For any loaded Gen server load modules whose initial connection was successful even after the Oracle issue is resolved the load module connection becomes stale/unusable.
Any client requests will continue to use those servers which then fail and are ended by the aefad.
That process will continue until all originally loaded servers have failed/ended. Later requests will then cause a new server to be loaded which successfully connects to the restarted DB and the client request is successful.
In summary, without any intervention, to complete the recovery requires all running server load modules (previously connected successfully to Oracle) to be reused at which point they will fail and are terminated.
There is no runtime user exit available to add code to handle a database connection failure for a load module after its connection is initially successful, so the behaviour cannot be changed.
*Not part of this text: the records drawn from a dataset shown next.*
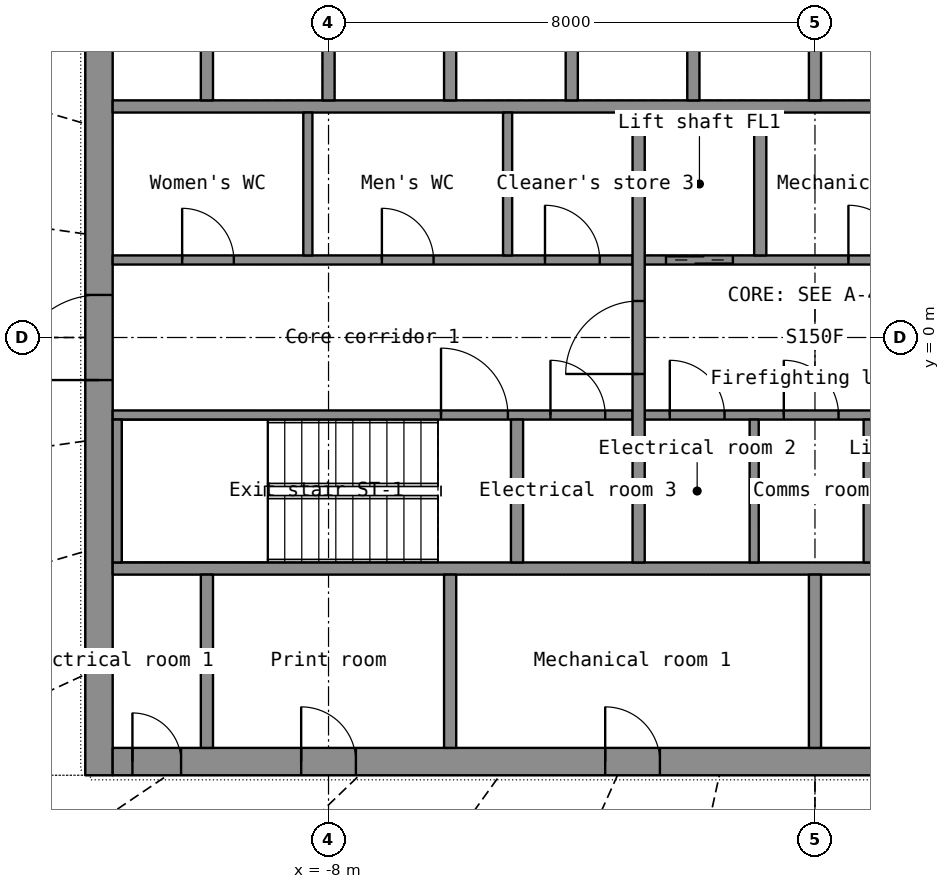
"""IFC4 building model, lengths in metres.
Left out: names, types, materials, properties, quantities, classifications, styles, units other than length and angle.
Written with IfcOpenShell. Run it as: python <this file> out.ifc"""

import sys

from ifc_helpers import new_model, si_unit, direction, frame, frame_2d, origin, place, context, subcontext, project, spatial, rectangle, extrude, element, fill, save


model = new_model("IFC4")
c1 = context("Model", 3, precision=1e-05, world=origin(), true_north=direction((0.0, 1.0)))
c2 = subcontext(c1, "Body", "Model", "MODEL_VIEW")
j1 = project(units=[si_unit("LENGTHUNIT", "METRE"), si_unit("PLANEANGLEUNIT", "RADIAN")], contexts=[c1])
p1 = place(None, origin())
s1 = spatial("IfcSite", under=j1, at=p1, CompositionType="ELEMENT")
p2 = place(p1, origin())
s2 = spatial("IfcBuilding", under=s1, at=p2, CompositionType="ELEMENT")
p3 = place(p2, frame((0.0, 0.0, 194.1)))
s3 = spatial("IfcBuildingStorey", under=s2, at=p3, CompositionType="ELEMENT", Elevation=194.1)
p4 = place(p3, frame((-11.775, -7.2, 0.0), z_axis=(0.0, 0.0, 1.0), x_axis=(0.0, 1.0, 0.0)))
e1 = element("IfcWall", 1, at=p4, inside=s3, PredefinedType="SHEAR", context=c2, shape_type="SweptSolid", body=[
    extrude(rectangle(XDim=14.4, YDim=0.45, at=frame_2d((7.2, 0.0))), origin(), (0.0, 0.0, 1.0), 3.3),
])
p5 = place(p4, frame((6.5, 0.0, 0.0)))
e2 = element("IfcOpeningElement", 2, at=p5, cuts=e1, PredefinedType="OPENING", context=c2, shape_type="SweptSolid", body=[
    extrude(rectangle(XDim=1.4, YDim=2.2, at=frame_2d((0.7, 1.1))), frame((0.0, 0.235, 0.0), z_axis=(0.0, -1.0, 0.0), x_axis=(1.0, 0.0, 0.0)), (0.0, 0.0, 1.0), 0.47),
])
p6 = place(p3, frame((-11.55, -6.975, 0.0), z_axis=(0.0, 0.0, 1.0), x_axis=(1.0, 0.0, 0.0)))
e3 = element("IfcWall", 3, at=p6, inside=s3, PredefinedType="SHEAR", context=c2, shape_type="SweptSolid", body=[
    extrude(rectangle(XDim=23.1, YDim=0.45, at=frame_2d((11.55, 0.0))), origin(), (0.0, 0.0, 1.0), 3.3),
])
p7 = place(p6, frame((20.0, 0.0, 0.0)))
e4 = element("IfcOpeningElement", 4, at=p7, cuts=e3, PredefinedType="OPENING", context=c2, shape_type="SweptSolid", body=[
    extrude(rectangle(XDim=1.1, YDim=2.2, at=frame_2d((0.55, 1.1))), frame((0.0, 0.235, 0.0), z_axis=(0.0, -1.0, 0.0), x_axis=(1.0, 0.0, 0.0)), (0.0, 0.0, 1.0), 0.47),
])
p8 = place(p6, frame((3.1, 0.0, 0.0)))
e5 = element("IfcOpeningElement", 5, at=p8, cuts=e3, PredefinedType="OPENING", context=c2, shape_type="SweptSolid", body=[
    extrude(rectangle(XDim=0.9, YDim=2.1, at=frame_2d((0.45, 1.05))), frame((0.0, 0.235, 0.0), z_axis=(0.0, -1.0, 0.0), x_axis=(1.0, 0.0, 0.0)), (0.0, 0.0, 1.0), 0.47),
])
p9 = place(p6, frame((8.1, 0.0, 0.0)))
e6 = element("IfcOpeningElement", 6, at=p9, cuts=e3, PredefinedType="OPENING", context=c2, shape_type="SweptSolid", body=[
    extrude(rectangle(XDim=0.9, YDim=2.1, at=frame_2d((0.45, 1.05))), frame((0.0, 0.235, 0.0), z_axis=(0.0, -1.0, 0.0), x_axis=(1.0, 0.0, 0.0)), (0.0, 0.0, 1.0), 0.47),
])
p10 = place(p6, frame((15.1, 0.0, 0.0)))
e7 = element("IfcOpeningElement", 7, at=p10, cuts=e3, PredefinedType="OPENING", context=c2, shape_type="SweptSolid", body=[
    extrude(rectangle(XDim=0.9, YDim=2.1, at=frame_2d((0.45, 1.05))), frame((0.0, 0.235, 0.0), z_axis=(0.0, -1.0, 0.0), x_axis=(1.0, 0.0, 0.0)), (0.0, 0.0, 1.0), 0.47),
])
p11 = place(p6, frame((0.325, 0.0, 0.0)))
e8 = element("IfcOpeningElement", 8, at=p11, cuts=e3, PredefinedType="OPENING", context=c2, shape_type="SweptSolid", body=[
    extrude(rectangle(XDim=0.8, YDim=2.05, at=frame_2d((0.4, 1.025))), frame((0.0, 0.235, 0.0), z_axis=(0.0, -1.0, 0.0), x_axis=(1.0, 0.0, 0.0)), (0.0, 0.0, 1.0), 0.47),
])
p12 = place(p6, frame((21.975, 0.0, 0.0)))
e9 = element("IfcOpeningElement", 9, at=p12, cuts=e3, PredefinedType="OPENING", context=c2, shape_type="SweptSolid", body=[
    extrude(rectangle(XDim=0.8, YDim=2.05, at=frame_2d((0.4, 1.025))), frame((0.0, 0.235, 0.0), z_axis=(0.0, -1.0, 0.0), x_axis=(1.0, 0.0, 0.0)), (0.0, 0.0, 1.0), 0.47),
])
for number, where, z_axis, x_axis in (
    (10, (-11.55, -3.8, 0.0), (0.0, 0.0, 1.0), (1.0, 0.0, 0.0)),
    (11, (-11.55, 3.8, 0.0), (0.0, 0.0, 1.0), (1.0, 0.0, 0.0)),
):
    element("IfcWall", number, at=place(p3, frame(where, z_axis=z_axis, x_axis=x_axis)), inside=s3, PredefinedType="SHEAR", context=c2, shape_type="SweptSolid", body=[
        extrude(rectangle(XDim=23.1, YDim=0.2, at=frame_2d((11.55, 0.0))), origin(), (0.0, 0.0, 1.0), 3.3),
    ])
p13 = place(p3, frame((-10.0, -6.75, 0.0), z_axis=(0.0, 0.0, 1.0), x_axis=(0.0, 1.0, 0.0)))
e12 = element("IfcWall", 12, at=p13, inside=s3, PredefinedType="SHEAR", context=c2, shape_type="SweptSolid", body=[
    extrude(rectangle(XDim=2.85, YDim=0.2, at=frame_2d((1.425, 0.0))), origin(), (0.0, 0.0, 1.0), 3.3),
])
for number, where, z_axis, x_axis in (
    (13, (-6.0, -6.75, 0.0), (0.0, 0.0, 1.0), (0.0, 1.0, 0.0)),
    (14, (0.0, -6.75, 0.0), (0.0, 0.0, 1.0), (0.0, 1.0, 0.0)),
):
    element("IfcWall", number, at=place(p3, frame(where, z_axis=z_axis, x_axis=x_axis)), inside=s3, PredefinedType="PARTITIONING", context=c2, shape_type="SweptSolid", body=[
        extrude(rectangle(XDim=2.85, YDim=0.2, at=frame_2d((1.425, 0.0))), origin(), (0.0, 0.0, 1.0), 3.3),
    ])
for number, where, z_axis, x_axis in (
    (15, (-10.0, 3.9, 0.0), (0.0, 0.0, 1.0), (0.0, 1.0, 0.0)),
    (16, (-8.0, 3.9, 0.0), (0.0, 0.0, 1.0), (0.0, 1.0, 0.0)),
    (17, (-6.0, 3.9, 0.0), (0.0, 0.0, 1.0), (0.0, 1.0, 0.0)),
    (18, (-4.0, 3.9, 0.0), (0.0, 0.0, 1.0), (0.0, 1.0, 0.0)),
    (19, (-2.0, 3.9, 0.0), (0.0, 0.0, 1.0), (0.0, 1.0, 0.0)),
    (20, (0.0, 3.9, 0.0), (0.0, 0.0, 1.0), (0.0, 1.0, 0.0)),
):
    element("IfcWall", number, at=place(p3, frame(where, z_axis=z_axis, x_axis=x_axis)), inside=s3, PredefinedType="SHEAR", context=c2, shape_type="SweptSolid", body=[
        extrude(rectangle(XDim=2.85, YDim=0.2, at=frame_2d((1.425, 0.0))), origin(), (0.0, 0.0, 1.0), 3.3),
    ])
p14 = place(p3, frame((-11.55, -1.275, 0.0), z_axis=(0.0, 0.0, 1.0), x_axis=(1.0, 0.0, 0.0)))
e21 = element("IfcWall", 21, at=p14, inside=s3, PredefinedType="SHEAR", context=c2, shape_type="SweptSolid", body=[
    extrude(rectangle(XDim=8.55, YDim=0.15, at=frame_2d((4.275, 0.0))), origin(), (0.0, 0.0, 1.0), 3.3),
])
p15 = place(p14, frame((5.4, 0.0, 0.0)))
e22 = element("IfcOpeningElement", 22, at=p15, cuts=e21, PredefinedType="OPENING", context=c2, shape_type="SweptSolid", body=[
    extrude(rectangle(XDim=1.1, YDim=2.15, at=frame_2d((0.55, 1.075))), frame((0.0, 0.085, 0.0), z_axis=(0.0, -1.0, 0.0), x_axis=(1.0, 0.0, 0.0)), (0.0, 0.0, 1.0), 0.17),
])
p16 = place(p14, frame((7.2, 0.0, 0.0)))
e23 = element("IfcOpeningElement", 23, at=p16, cuts=e21, PredefinedType="OPENING", context=c2, shape_type="SweptSolid", body=[
    extrude(rectangle(XDim=0.9, YDim=2.1, at=frame_2d((0.45, 1.05))), frame((0.0, 0.085, 0.0), z_axis=(0.0, -1.0, 0.0), x_axis=(1.0, 0.0, 0.0)), (0.0, 0.0, 1.0), 0.17),
])
p17 = place(p3, frame((-2.8, -1.275, 0.0), z_axis=(0.0, 0.0, 1.0), x_axis=(1.0, 0.0, 0.0)))
e24 = element("IfcWall", 24, at=p17, inside=s3, PredefinedType="SHEAR", context=c2, shape_type="SweptSolid", body=[
    extrude(rectangle(XDim=5.6, YDim=0.15, at=frame_2d((2.8, 0.0))), origin(), (0.0, 0.0, 1.0), 3.3),
])
p18 = place(p17, frame((4.15, 0.0, 0.0)))
e25 = element("IfcOpeningElement", 25, at=p18, cuts=e24, PredefinedType="OPENING", context=c2, shape_type="SweptSolid", body=[
    extrude(rectangle(XDim=1.1, YDim=2.2, at=frame_2d((0.55, 1.1))), frame((0.0, 0.085, 0.0), z_axis=(0.0, -1.0, 0.0), x_axis=(1.0, 0.0, 0.0)), (0.0, 0.0, 1.0), 0.17),
])
p19 = place(p17, frame((0.413, 0.0, 0.0)))
e26 = element("IfcOpeningElement", 26, at=p19, cuts=e24, PredefinedType="OPENING", context=c2, shape_type="SweptSolid", body=[
    extrude(rectangle(XDim=0.9, YDim=2.1, at=frame_2d((0.45, 1.05))), frame((0.0, 0.085, 0.0), z_axis=(0.0, -1.0, 0.0), x_axis=(1.0, 0.0, 0.0)), (0.0, 0.0, 1.0), 0.17),
])
p20 = place(p17, frame((2.288, 0.0, 0.0)))
e27 = element("IfcOpeningElement", 27, at=p20, cuts=e24, PredefinedType="OPENING", context=c2, shape_type="SweptSolid", body=[
    extrude(rectangle(XDim=0.9, YDim=2.1, at=frame_2d((0.45, 1.05))), frame((0.0, 0.085, 0.0), z_axis=(0.0, -1.0, 0.0), x_axis=(1.0, 0.0, 0.0)), (0.0, 0.0, 1.0), 0.17),
])
p21 = place(p3, frame((-11.55, 1.275, 0.0), z_axis=(0.0, 0.0, 1.0), x_axis=(1.0, 0.0, 0.0)))
e28 = element("IfcWall", 28, at=p21, inside=s3, PredefinedType="PARTITIONING", context=c2, shape_type="SweptSolid", body=[
    extrude(rectangle(XDim=8.55, YDim=0.15, at=frame_2d((4.275, 0.0))), origin(), (0.0, 0.0, 1.0), 3.3),
])
p22 = place(p21, frame((1.143, 0.0, 0.0)))
e29 = element("IfcOpeningElement", 29, at=p22, cuts=e28, PredefinedType="OPENING", context=c2, shape_type="SweptSolid", body=[
    extrude(rectangle(XDim=0.85, YDim=2.1, at=frame_2d((0.425, 1.05))), frame((0.0, 0.085, 0.0), z_axis=(0.0, -1.0, 0.0), x_axis=(1.0, 0.0, 0.0)), (0.0, 0.0, 1.0), 0.17),
])
p23 = place(p21, frame((4.427, 0.0, 0.0)))
e30 = element("IfcOpeningElement", 30, at=p23, cuts=e28, PredefinedType="OPENING", context=c2, shape_type="SweptSolid", body=[
    extrude(rectangle(XDim=0.85, YDim=2.1, at=frame_2d((0.425, 1.05))), frame((0.0, 0.085, 0.0), z_axis=(0.0, -1.0, 0.0), x_axis=(1.0, 0.0, 0.0)), (0.0, 0.0, 1.0), 0.17),
])
p24 = place(p21, frame((7.11, 0.0, 0.0)))
e31 = element("IfcOpeningElement", 31, at=p24, cuts=e28, PredefinedType="OPENING", context=c2, shape_type="SweptSolid", body=[
    extrude(rectangle(XDim=0.9, YDim=2.1, at=frame_2d((0.45, 1.05))), frame((0.0, 0.085, 0.0), z_axis=(0.0, -1.0, 0.0), x_axis=(1.0, 0.0, 0.0)), (0.0, 0.0, 1.0), 0.17),
])
p25 = place(p3, frame((-2.8, 1.275, 0.0), z_axis=(0.0, 0.0, 1.0), x_axis=(1.0, 0.0, 0.0)))
e32 = element("IfcWall", 32, at=p25, inside=s3, PredefinedType="SHEAR", context=c2, shape_type="SweptSolid", body=[
    extrude(rectangle(XDim=5.6, YDim=0.15, at=frame_2d((2.8, 0.0))), origin(), (0.0, 0.0, 1.0), 3.3),
])
p26 = place(p25, frame((0.35, 0.0, 0.0)))
e33 = element("IfcOpeningElement", 33, at=p26, cuts=e32, PredefinedType="OPENING", context=c2, shape_type="SweptSolid", body=[
    extrude(rectangle(XDim=1.1, YDim=2.2, at=frame_2d((0.55, 1.1))), frame((0.0, 0.085, 0.0), z_axis=(0.0, -1.0, 0.0), x_axis=(1.0, 0.0, 0.0)), (0.0, 0.0, 1.0), 0.17),
])
p27 = place(p25, frame((3.35, 0.0, 0.0)))
e34 = element("IfcOpeningElement", 34, at=p27, cuts=e32, PredefinedType="OPENING", context=c2, shape_type="SweptSolid", body=[
    extrude(rectangle(XDim=0.9, YDim=2.1, at=frame_2d((0.45, 1.05))), frame((0.0, 0.085, 0.0), z_axis=(0.0, -1.0, 0.0), x_axis=(1.0, 0.0, 0.0)), (0.0, 0.0, 1.0), 0.17),
])
p28 = place(p3, frame((-2.9, -3.7, 0.0), z_axis=(0.0, 0.0, 1.0), x_axis=(0.0, 1.0, 0.0)))
e35 = element("IfcWall", 35, at=p28, inside=s3, PredefinedType="SHEAR", context=c2, shape_type="SweptSolid", body=[
    extrude(rectangle(XDim=7.4, YDim=0.2, at=frame_2d((3.7, 0.0))), origin(), (0.0, 0.0, 1.0), 3.3),
])
p29 = place(p28, frame((3.1, 0.0, 0.0)))
e36 = element("IfcOpeningElement", 36, at=p29, cuts=e35, PredefinedType="OPENING", context=c2, shape_type="SweptSolid", body=[
    extrude(rectangle(XDim=1.2, YDim=2.2, at=frame_2d((0.6, 1.1))), frame((0.0, 0.11, 0.0), z_axis=(0.0, -1.0, 0.0), x_axis=(1.0, 0.0, 0.0)), (0.0, 0.0, 1.0), 0.22),
])
for number, where, z_axis, x_axis in (
    (37, (-0.9, 1.35, 0.0), (0.0, 0.0, 1.0), (0.0, 1.0, 0.0)),
    (38, (0.9, -3.7, 0.0), (0.0, 0.0, 1.0), (0.0, 1.0, 0.0)),
):
    element("IfcWall", number, at=place(p3, frame(where, z_axis=z_axis, x_axis=x_axis)), inside=s3, PredefinedType="SHEAR", context=c2, shape_type="SweptSolid", body=[
        extrude(rectangle(XDim=2.35, YDim=0.2, at=frame_2d((1.175, 0.0))), origin(), (0.0, 0.0, 1.0), 3.3),
    ])
p30 = place(p3, frame((-11.475, -3.7, 0.0), z_axis=(0.0, 0.0, 1.0), x_axis=(0.0, 1.0, 0.0)))
e39 = element("IfcWall", 39, at=p30, inside=s3, PredefinedType="SHEAR", context=c2, shape_type="SweptSolid", body=[
    extrude(rectangle(XDim=2.35, YDim=0.15, at=frame_2d((1.175, 0.0))), origin(), (0.0, 0.0, 1.0), 3.3),
])
p31 = place(p3, frame((-4.9, -3.7, 0.0), z_axis=(0.0, 0.0, 1.0), x_axis=(0.0, 1.0, 0.0)))
e40 = element("IfcWall", 40, at=p31, inside=s3, PredefinedType="SHEAR", context=c2, shape_type="SweptSolid", body=[
    extrude(rectangle(XDim=2.35, YDim=0.2, at=frame_2d((1.175, 0.0))), origin(), (0.0, 0.0, 1.0), 3.3),
])
for number, where, z_axis, x_axis in (
    (41, (-8.34, 1.35, 0.0), (0.0, 0.0, 1.0), (0.0, 1.0, 0.0)),
    (42, (-5.055, 1.35, 0.0), (0.0, 0.0, 1.0), (0.0, 1.0, 0.0)),
    (43, (-1.0, -3.7, 0.0), (0.0, 0.0, 1.0), (0.0, 1.0, 0.0)),
):
    element("IfcWall", number, at=place(p3, frame(where, z_axis=z_axis, x_axis=x_axis)), inside=s3, PredefinedType="PARTITIONING", context=c2, shape_type="SweptSolid", body=[
        extrude(rectangle(XDim=2.35, YDim=0.15, at=frame_2d((1.175, 0.0))), origin(), (0.0, 0.0, 1.0), 3.3),
    ])
p32 = place(p8, origin())
e44 = element("IfcDoor", 44, at=p32, inside=s3, OperationType="SINGLE_SWING_LEFT", PredefinedType="DOOR", context=c2, shape_type="SweptSolid", body=[
    extrude(rectangle(XDim=0.9, YDim=2.1, at=frame_2d((0.45, 1.05))), frame((0.0, 0.025, 0.0), z_axis=(0.0, -1.0, 0.0), x_axis=(1.0, 0.0, 0.0)), (0.0, 0.0, 1.0), 0.05),
])
fill(e5, e44)
p33 = place(p9, origin())
e45 = element("IfcDoor", 45, at=p33, inside=s3, OperationType="SINGLE_SWING_LEFT", PredefinedType="DOOR", context=c2, shape_type="SweptSolid", body=[
    extrude(rectangle(XDim=0.9, YDim=2.1, at=frame_2d((0.45, 1.05))), frame((0.0, 0.025, 0.0), z_axis=(0.0, -1.0, 0.0), x_axis=(1.0, 0.0, 0.0)), (0.0, 0.0, 1.0), 0.05),
])
fill(e6, e45)
p34 = place(p11, origin())
e46 = element("IfcDoor", 46, at=p34, inside=s3, OperationType="SINGLE_SWING_LEFT", PredefinedType="DOOR", context=c2, shape_type="SweptSolid", body=[
    extrude(rectangle(XDim=0.8, YDim=2.05, at=frame_2d((0.4, 1.025))), frame((0.0, 0.025, 0.0), z_axis=(0.0, -1.0, 0.0), x_axis=(1.0, 0.0, 0.0)), (0.0, 0.0, 1.0), 0.05),
])
fill(e8, e46)
p35 = place(p5, origin())
e47 = element("IfcDoor", 47, at=p35, inside=s3, OperationType="DOUBLE_DOOR_SINGLE_SWING", PredefinedType="DOOR", context=c2, shape_type="SweptSolid", body=[
    extrude(rectangle(XDim=1.4, YDim=2.2, at=frame_2d((0.7, 1.1))), frame((0.0, 0.025, 0.0), z_axis=(0.0, -1.0, 0.0), x_axis=(1.0, 0.0, 0.0)), (0.0, 0.0, 1.0), 0.05),
])
fill(e2, e47)
p36 = place(p29, origin())
e48 = element("IfcDoor", 48, at=p36, inside=s3, OperationType="SINGLE_SWING_LEFT", PredefinedType="DOOR", context=c2, shape_type="SweptSolid", body=[
    extrude(rectangle(XDim=1.2, YDim=2.2, at=frame_2d((0.6, 1.1))), frame((0.0, 0.025, 0.0), z_axis=(0.0, -1.0, 0.0), x_axis=(1.0, 0.0, 0.0)), (0.0, 0.0, 1.0), 0.05),
])
fill(e36, e48)
p37 = place(p26, origin())
e49 = element("IfcDoor", 49, at=p37, inside=s3, OperationType="DOUBLE_DOOR_SLIDING", PredefinedType="DOOR", context=c2, shape_type="SweptSolid", body=[
    extrude(rectangle(XDim=1.1, YDim=2.2, at=frame_2d((0.55, 1.1))), frame((0.0, 0.025, 0.0), z_axis=(0.0, -1.0, 0.0), x_axis=(1.0, 0.0, 0.0)), (0.0, 0.0, 1.0), 0.05),
])
fill(e33, e49)
p38 = place(p15, origin())
e50 = element("IfcDoor", 50, at=p38, inside=s3, OperationType="SINGLE_SWING_LEFT", PredefinedType="DOOR", context=c2, shape_type="SweptSolid", body=[
    extrude(rectangle(XDim=1.1, YDim=2.15, at=frame_2d((0.55, 1.075))), frame((0.0, 0.025, 0.0), z_axis=(0.0, -1.0, 0.0), x_axis=(1.0, 0.0, 0.0)), (0.0, 0.0, 1.0), 0.05),
])
fill(e22, e50)
p39 = place(p22, origin())
e51 = element("IfcDoor", 51, at=p39, inside=s3, OperationType="SINGLE_SWING_LEFT", PredefinedType="DOOR", context=c2, shape_type="SweptSolid", body=[
    extrude(rectangle(XDim=0.85, YDim=2.1, at=frame_2d((0.425, 1.05))), frame((0.0, 0.025, 0.0), z_axis=(0.0, -1.0, 0.0), x_axis=(1.0, 0.0, 0.0)), (0.0, 0.0, 1.0), 0.05),
])
fill(e29, e51)
p40 = place(p23, origin())
e52 = element("IfcDoor", 52, at=p40, inside=s3, OperationType="SINGLE_SWING_LEFT", PredefinedType="DOOR", context=c2, shape_type="SweptSolid", body=[
    extrude(rectangle(XDim=0.85, YDim=2.1, at=frame_2d((0.425, 1.05))), frame((0.0, 0.025, 0.0), z_axis=(0.0, -1.0, 0.0), x_axis=(1.0, 0.0, 0.0)), (0.0, 0.0, 1.0), 0.05),
])
fill(e30, e52)
p41 = place(p24, origin())
e53 = element("IfcDoor", 53, at=p41, inside=s3, OperationType="SINGLE_SWING_LEFT", PredefinedType="DOOR", context=c2, shape_type="SweptSolid", body=[
    extrude(rectangle(XDim=0.9, YDim=2.1, at=frame_2d((0.45, 1.05))), frame((0.0, 0.025, 0.0), z_axis=(0.0, -1.0, 0.0), x_axis=(1.0, 0.0, 0.0)), (0.0, 0.0, 1.0), 0.05),
])
fill(e31, e53)
p42 = place(p27, origin())
e54 = element("IfcDoor", 54, at=p42, inside=s3, OperationType="SINGLE_SWING_LEFT", PredefinedType="DOOR", context=c2, shape_type="SweptSolid", body=[
    extrude(rectangle(XDim=0.9, YDim=2.1, at=frame_2d((0.45, 1.05))), frame((0.0, 0.025, 0.0), z_axis=(0.0, -1.0, 0.0), x_axis=(1.0, 0.0, 0.0)), (0.0, 0.0, 1.0), 0.05),
])
fill(e34, e54)
p43 = place(p19, origin())
e55 = element("IfcDoor", 55, at=p43, inside=s3, OperationType="SINGLE_SWING_LEFT", PredefinedType="DOOR", context=c2, shape_type="SweptSolid", body=[
    extrude(rectangle(XDim=0.9, YDim=2.1, at=frame_2d((0.45, 1.05))), frame((0.0, 0.025, 0.0), z_axis=(0.0, -1.0, 0.0), x_axis=(1.0, 0.0, 0.0)), (0.0, 0.0, 1.0), 0.05),
])
fill(e26, e55)
p44 = place(p20, origin())
e56 = element("IfcDoor", 56, at=p44, inside=s3, OperationType="SINGLE_SWING_LEFT", PredefinedType="DOOR", context=c2, shape_type="SweptSolid", body=[
    extrude(rectangle(XDim=0.9, YDim=2.1, at=frame_2d((0.45, 1.05))), frame((0.0, 0.025, 0.0), z_axis=(0.0, -1.0, 0.0), x_axis=(1.0, 0.0, 0.0)), (0.0, 0.0, 1.0), 0.05),
])
fill(e27, e56)
p45 = place(p16, origin())
e57 = element("IfcDoor", 57, at=p45, inside=s3, OperationType="SINGLE_SWING_LEFT", PredefinedType="DOOR", context=c2, shape_type="SweptSolid", body=[
    extrude(rectangle(XDim=0.9, YDim=2.1, at=frame_2d((0.45, 1.05))), frame((0.0, 0.025, 0.0), z_axis=(0.0, -1.0, 0.0), x_axis=(1.0, 0.0, 0.0)), (0.0, 0.0, 1.0), 0.05),
])
fill(e23, e57)
save(model, sys.argv[1])

Instead of waiting for the load module to be used for it to be ended:
/delete 200 SERVER1#enter#
#PF3#
aefc -i aefad_port -p delete_all_playback -b -d 0
To minimise human intervention perhaps some automation script/process could be used to detect the loss of the database connection i.e. that script/process watches for a database failure and after the connection is restored the script restarts the aefad/aefuf or uses the playback script.
This behaviour applies to any target database and not just Oracle.